小説が読者に現れるのは「読む」という近景においてでしかない。これまでの文学研究はその近景体験を踏まえた上での定性分析であり、読まれていない無数の小説を切り捨て、読まれるに値する少数の小説を俎上に乗せてきた。それに対して著者は敢えて「読まない」定量分析をする。そして形態分析、即ち「精読なきフォルマリズム」つまり「遠読」。しかしまだ手探りの段階であり、この著作から読み取れるものはまだ偉大な発見よりも多様な可能性というレベルであるように思われた。とはいえ村上春樹的な「時の試練に耐える小説」の定量的検討は甲斐有。

2016/09/13

konomichi

何度も挫折して、今回ようやく読了。文学史研究者による世界文学をシステムとして捉え、データ分析を取り入れた永年の研究路程。この分野に素養が皆無で前半は辛かったが後半は面白い。文学史にダーウィンの進化論を取り込んで、文学史に残った作品と消えた作品を比較したり、文学素養がなくても楽しめる。今後の研究に期待したいが、その前に本著の前著、『グラフ、地図、樹』の邦訳をはよ。

2017/05/14

へんかんへん

物語の図式化が面白い

2017/11/29

Nobody1

文学史、そして世界文学へのアプローチとして出現した「遠読」という方法論は、計量的アプローチを取り込み発展した。自分がこういう方法論を取るかどうかはともかく、モレッティがしていることは面白いし意義のあることだと思う。
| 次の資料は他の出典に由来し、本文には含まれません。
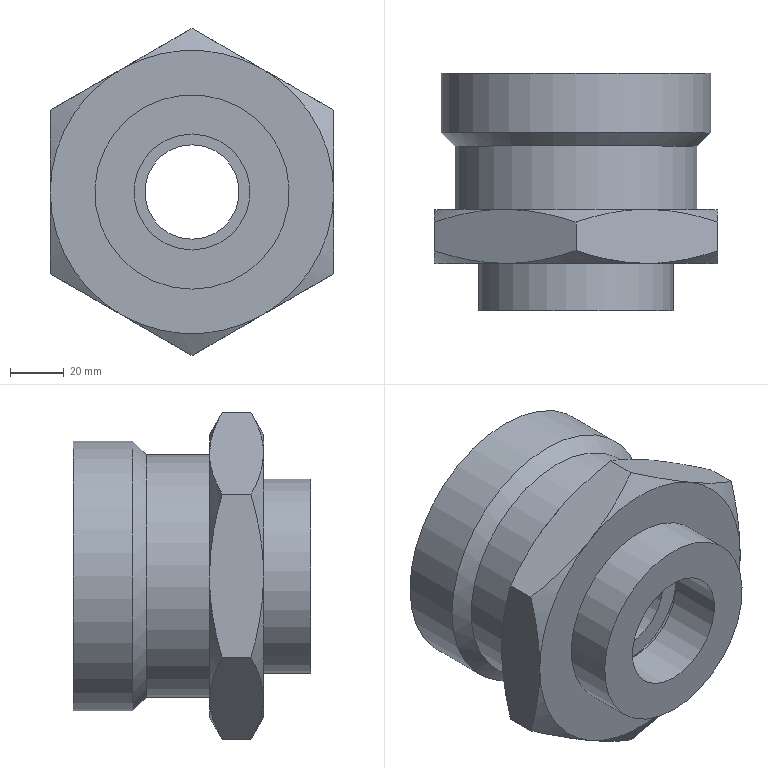Component | NX | HINGE_BODY | 1 solid | 35 faces | volume 315972 mm3 | plane 14 | cone 13 | cylinder 8 | commonest cylinder face diameters 90 x1 43 x1 49 x1 35 x1 82 x1 80 x1 100 x1 72 x1

遠読と精読が両輪のように絡み合いながら文学の世界が豊かになっていけばよいと思う。

2017/09/05

鵐窟庵

本書では、各国の文学における共時的・通時的な盛衰や流行の影響関係を〈世界文学システム〉として分析を試みている。著者が参照するのはウォーラーステインの近代世界システムと生物学における進化系統樹と構造主義である。文学の盛衰の中心と周縁の関係や、内容とは独立したプロットや手がかりによる流行の対決関係、一つの作品内での登場人物のネットワークなどの様々な視点から文学空間を論じている。それらは文学の形式、地理学、類型に世界的に普遍的な有機体的なシステムでもある。しかし、アジアの位置付けは付随的で不足感が見られた。